The informant is a “paid confidential source” who at some point was charged with a drug offense by authorities in an unnamed U.S. state, the papers said. State authorities dropped charges after the suspect agreed to cooperate with authorities in investigating drug cases, they said.
Alarmed and intrigued at what they heard about a possible wider plot involving Iranians with government connections, DEA and FBI officers launched an elaborate investigation.
Federal authorities accuse Arbabsiar and Gholam Shakuri, who U.S. officials describe as a “case officer” for the Quds Force, with plotting to assassinate the Saudi ambassador, Adel al-Jubeir.
Court papers indicate that some of Arbabsiar’s conversations discussing the alleged plot with the government informant were recorded. The documents also say that after his arrest Arbabsiar confessed to the plot, and disclosed that one of his cousins in Iran, whom U.S. officials identified as Abdul Reza Shahlai, was a high-ranking Quds Force official.
Under the supervision of investigators, Arbabsiar also recorded an incriminating phone conversation earlier this month with Shakuri back in Iran.
U.S. authorities say that before his arrest, Arbabsiar facilitated two wire transfers, totaling just under $100,000 from overseas to a U.S. bank account controlled by American investigators.
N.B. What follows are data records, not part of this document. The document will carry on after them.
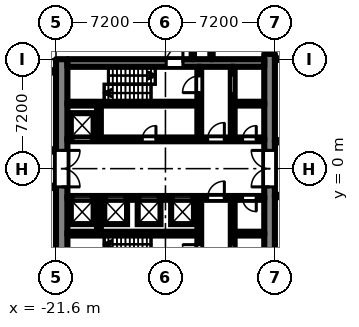
"""IFC4 building model, lengths in metres.
Left out: names, types, materials, properties, quantities, classifications, styles, units other than length and angle.
Written with IfcOpenShell. Run it as: python <this file> out.ifc"""

import sys

from ifc_helpers import new_model, si_unit, direction, frame, frame_2d, origin, place, context, subcontext, project, spatial, rectangle, extrude, element, fill, save


model = new_model("IFC4")
c1 = context("Model", 3, precision=1e-05, world=origin(), true_north=direction((0.0, 1.0)))
c2 = subcontext(c1, "Body", "Model", "MODEL_VIEW")
j1 = project(units=[si_unit("LENGTHUNIT", "METRE"), si_unit("PLANEANGLEUNIT", "RADIAN")], contexts=[c1])
p1 = place(None, origin())
s1 = spatial("IfcSite", under=j1, at=p1, CompositionType="ELEMENT")
p2 = place(p1, origin())
s2 = spatial("IfcBuilding", under=s1, at=p2, CompositionType="ELEMENT")
p3 = place(p2, origin())
s3 = spatial("IfcBuildingStorey", under=s2, at=p3, CompositionType="ELEMENT", Elevation=0.0)
p4 = place(p3, frame((-7.55, -7.548, 0.0), z_axis=(0.0, 0.0, 1.0), x_axis=(0.0, 1.0, 0.0)))
e1 = element("IfcWall", 1, at=p4, inside=s3, PredefinedType="SHEAR", context=c2, shape_type="SweptSolid", body=[
    extrude(rectangle(XDim=15.096, YDim=0.7, at=frame_2d((7.548, 0.0))), origin(), (0.0, 0.0, 1.0), 6.6),
])
p5 = place(p4, frame((6.348, 0.0, 0.0)))
e2 = element("IfcOpeningElement", 2, at=p5, cuts=e1, PredefinedType="OPENING", context=c2, shape_type="SweptSolid", body=[
    extrude(rectangle(XDim=2.4, YDim=2.2, at=frame_2d((1.2, 1.1))), frame((0.0, 0.36, 0.0), z_axis=(0.0, -1.0, 0.0), x_axis=(1.0, 0.0, 0.0)), (0.0, 0.0, 1.0), 0.72),
])
p6 = place(p3, frame((-21.225, -7.2, 0.0), z_axis=(0.0, 0.0, 1.0), x_axis=(0.0, 1.0, 0.0)))
e3 = element("IfcWall", 3, at=p6, inside=s3, PredefinedType="SHEAR", context=c2, shape_type="SweptSolid", body=[
    extrude(rectangle(XDim=14.4, YDim=0.75, at=frame_2d((7.2, 0.0))), origin(), (0.0, 0.0, 1.0), 6.6),
])
p7 = place(p6, frame((6.0, 0.0, 0.0)))
e4 = element("IfcOpeningElement", 4, at=p7, cuts=e3, PredefinedType="OPENING", context=c2, shape_type="SweptSolid", body=[
    extrude(rectangle(XDim=2.4, YDim=2.2, at=frame_2d((1.2, 1.1))), frame((0.0, 0.385, 0.0), z_axis=(0.0, -1.0, 0.0), x_axis=(1.0, 0.0, 0.0)), (0.0, 0.0, 1.0), 0.77),
])
p8 = place(p3, frame((-7.9, 6.95, 0.0), z_axis=(0.0, 0.0, 1.0), x_axis=(-1.0, 0.0, 0.0)))
e5 = element("IfcWall", 5, at=p8, inside=s3, PredefinedType="SHEAR", context=c2, shape_type="SweptSolid", body=[
    extrude(rectangle(XDim=12.95, YDim=0.5, at=frame_2d((6.475, 0.0))), origin(), (0.0, 0.0, 1.0), 6.6),
])
p9 = place(p8, frame((5.35, 0.0, 0.0)))
e6 = element("IfcOpeningElement", 6, at=p9, cuts=e5, PredefinedType="OPENING", context=c2, shape_type="SweptSolid", body=[
    extrude(rectangle(XDim=1.1, YDim=2.1, at=frame_2d((0.55, 1.05))), frame((0.0, 0.26, 0.0), z_axis=(0.0, -1.0, 0.0), x_axis=(1.0, 0.0, 0.0)), (0.0, 0.0, 1.0), 0.52),
])
p10 = place(p3, frame((-7.9, 1.925, 0.0), z_axis=(0.0, 0.0, 1.0), x_axis=(-1.0, 0.0, 0.0)))
e7 = element("IfcWall", 7, at=p10, inside=s3, PredefinedType="SHEAR", context=c2, shape_type="SweptSolid", body=[
    extrude(rectangle(XDim=12.95, YDim=0.25, at=frame_2d((6.475, 0.0))), origin(), (0.0, 0.0, 1.0), 6.6),
])
p11 = place(p10, frame((11.425, 0.0, 0.0)))
e8 = element("IfcOpeningElement", 8, at=p11, cuts=e7, PredefinedType="OPENING", context=c2, shape_type="SweptSolid", body=[
    extrude(rectangle(XDim=1.1, YDim=2.1, at=frame_2d((0.55, 1.05))), frame((0.0, 0.135, 0.0), z_axis=(0.0, -1.0, 0.0), x_axis=(1.0, 0.0, 0.0)), (0.0, 0.0, 1.0), 0.27),
])
p12 = place(p10, frame((0.525, 0.0, 0.0)))
e9 = element("IfcOpeningElement", 9, at=p12, cuts=e7, PredefinedType="OPENING", context=c2, shape_type="SweptSolid", body=[
    extrude(rectangle(XDim=0.9, YDim=2.1, at=frame_2d((0.45, 1.05))), frame((0.0, 0.135, 0.0), z_axis=(0.0, -1.0, 0.0), x_axis=(1.0, 0.0, 0.0)), (0.0, 0.0, 1.0), 0.27),
])
p13 = place(p10, frame((2.625, 0.0, 0.0)))
e10 = element("IfcOpeningElement", 10, at=p13, cuts=e7, PredefinedType="OPENING", context=c2, shape_type="SweptSolid", body=[
    extrude(rectangle(XDim=1.1, YDim=2.1, at=frame_2d((0.55, 1.05))), frame((0.0, 0.135, 0.0), z_axis=(0.0, -1.0, 0.0), x_axis=(1.0, 0.0, 0.0)), (0.0, 0.0, 1.0), 0.27),
])
p14 = place(p10, frame((7.125, 0.0, 0.0)))
e11 = element("IfcOpeningElement", 11, at=p14, cuts=e7, PredefinedType="OPENING", context=c2, shape_type="SweptSolid", body=[
    extrude(rectangle(XDim=0.9, YDim=2.1, at=frame_2d((0.45, 1.05))), frame((0.0, 0.135, 0.0), z_axis=(0.0, -1.0, 0.0), x_axis=(1.0, 0.0, 0.0)), (0.0, 0.0, 1.0), 0.27),
])
p15 = place(p3, frame((-7.9, 4.275, 0.0), z_axis=(0.0, 0.0, 1.0), x_axis=(-1.0, 0.0, 0.0)))
e12 = element("IfcWall", 12, at=p15, inside=s3, PredefinedType="SHEAR", context=c2, shape_type="SweptSolid", body=[
    extrude(rectangle(XDim=1.95, YDim=0.25, at=frame_2d((0.975, 0.0))), origin(), (0.0, 0.0, 1.0), 6.6),
])
p16 = place(p3, frame((-12.3, 4.275, 0.0), z_axis=(0.0, 0.0, 1.0), x_axis=(-1.0, 0.0, 0.0)))
e13 = element("IfcWall", 13, at=p16, inside=s3, PredefinedType="SHEAR", context=c2, shape_type="SweptSolid", body=[
    extrude(rectangle(XDim=8.55, YDim=0.25, at=frame_2d((4.275, 0.0))), origin(), (0.0, 0.0, 1.0), 6.6),
])
p17 = place(p3, frame((-9.975, 2.05, 0.0), z_axis=(0.0, 0.0, 1.0), x_axis=(0.0, 1.0, 0.0)))
e14 = element("IfcWall", 14, at=p17, inside=s3, PredefinedType="SHEAR", context=c2, shape_type="SweptSolid", body=[
    extrude(rectangle(XDim=4.65, YDim=0.25, at=frame_2d((2.325, 0.0))), origin(), (0.0, 0.0, 1.0), 6.6),
])
p18 = place(p17, frame((2.95, 0.0, 0.0)))
e15 = element("IfcOpeningElement", 15, at=p18, cuts=e14, PredefinedType="OPENING", context=c2, shape_type="SweptSolid", body=[
    extrude(rectangle(XDim=1.1, YDim=2.1, at=frame_2d((0.55, 1.05))), frame((0.0, 0.135, 0.0), z_axis=(0.0, -1.0, 0.0), x_axis=(1.0, 0.0, 0.0)), (0.0, 0.0, 1.0), 0.27),
])
p19 = place(p3, frame((-12.175, 2.05, 0.0), z_axis=(0.0, 0.0, 1.0), x_axis=(0.0, 1.0, 0.0)))
e16 = element("IfcWall", 16, at=p19, inside=s3, PredefinedType="SHEAR", context=c2, shape_type="SweptSolid", body=[
    extrude(rectangle(XDim=4.65, YDim=0.25, at=frame_2d((2.325, 0.0))), origin(), (0.0, 0.0, 1.0), 6.6),
])
p20 = place(p19, frame((2.95, 0.0, 0.0)))
e17 = element("IfcOpeningElement", 17, at=p20, cuts=e16, PredefinedType="OPENING", context=c2, shape_type="SweptSolid", body=[
    extrude(rectangle(XDim=1.1, YDim=2.1, at=frame_2d((0.55, 1.05))), frame((0.0, 0.135, 0.0), z_axis=(0.0, -1.0, 0.0), x_axis=(1.0, 0.0, 0.0)), (0.0, 0.0, 1.0), 0.27),
])
p21 = place(p3, frame((-18.775, 2.05, 0.0), z_axis=(0.0, 0.0, 1.0), x_axis=(0.0, 1.0, 0.0)))
e18 = element("IfcWall", 18, at=p21, inside=s3, PredefinedType="PARTITIONING", context=c2, shape_type="SweptSolid", body=[
    extrude(rectangle(XDim=2.1, YDim=0.25, at=frame_2d((1.05, 0.0))), origin(), (0.0, 0.0, 1.0), 6.6),
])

U.S. officials have declined to provide precise details regarding the money’s point of origin or how it was transferred to the United States. But they say that still-secret information about the wire transfers provides strong evidence corroborating the involvement of Quds Force operatives in the alleged plot.
In addition to wire transfer evidence which pointed to Quds Force, U.S. officials said a significant body of intelligence was found corroborating the role of Shahlai, Arbabsiar’s cousin, as a Quds Force commander who had previously been involved in anti-U.S. operations in the region. This intelligence, which is still classified, helped convince skeptics inside the government that the plot was real.
But many outside experts, and at least some officials inside the government, remain wary, with some expressing concern that the administration of President Barack Obama is inflating the significance of a questionable plot to score political and diplomatic points against Tehran.
A former U.S. intelligence official said it was unlikely that FBI Director Robert Mueller and Secretary of State Hillary Clinton would publicly tout the alleged Iranian government angle if they had qualms about the intelligence.
“There are too many people who are defending it to think it’s totally bogus,” a former intelligence official said.
But the official added: “I‘m having a real hard time believing it is as orchestrated and centrally run as they seem to be implying. If it weren’t for the fact that there were so many people standing up and publicly talking about it who ought to know, then I would be even more skeptical.”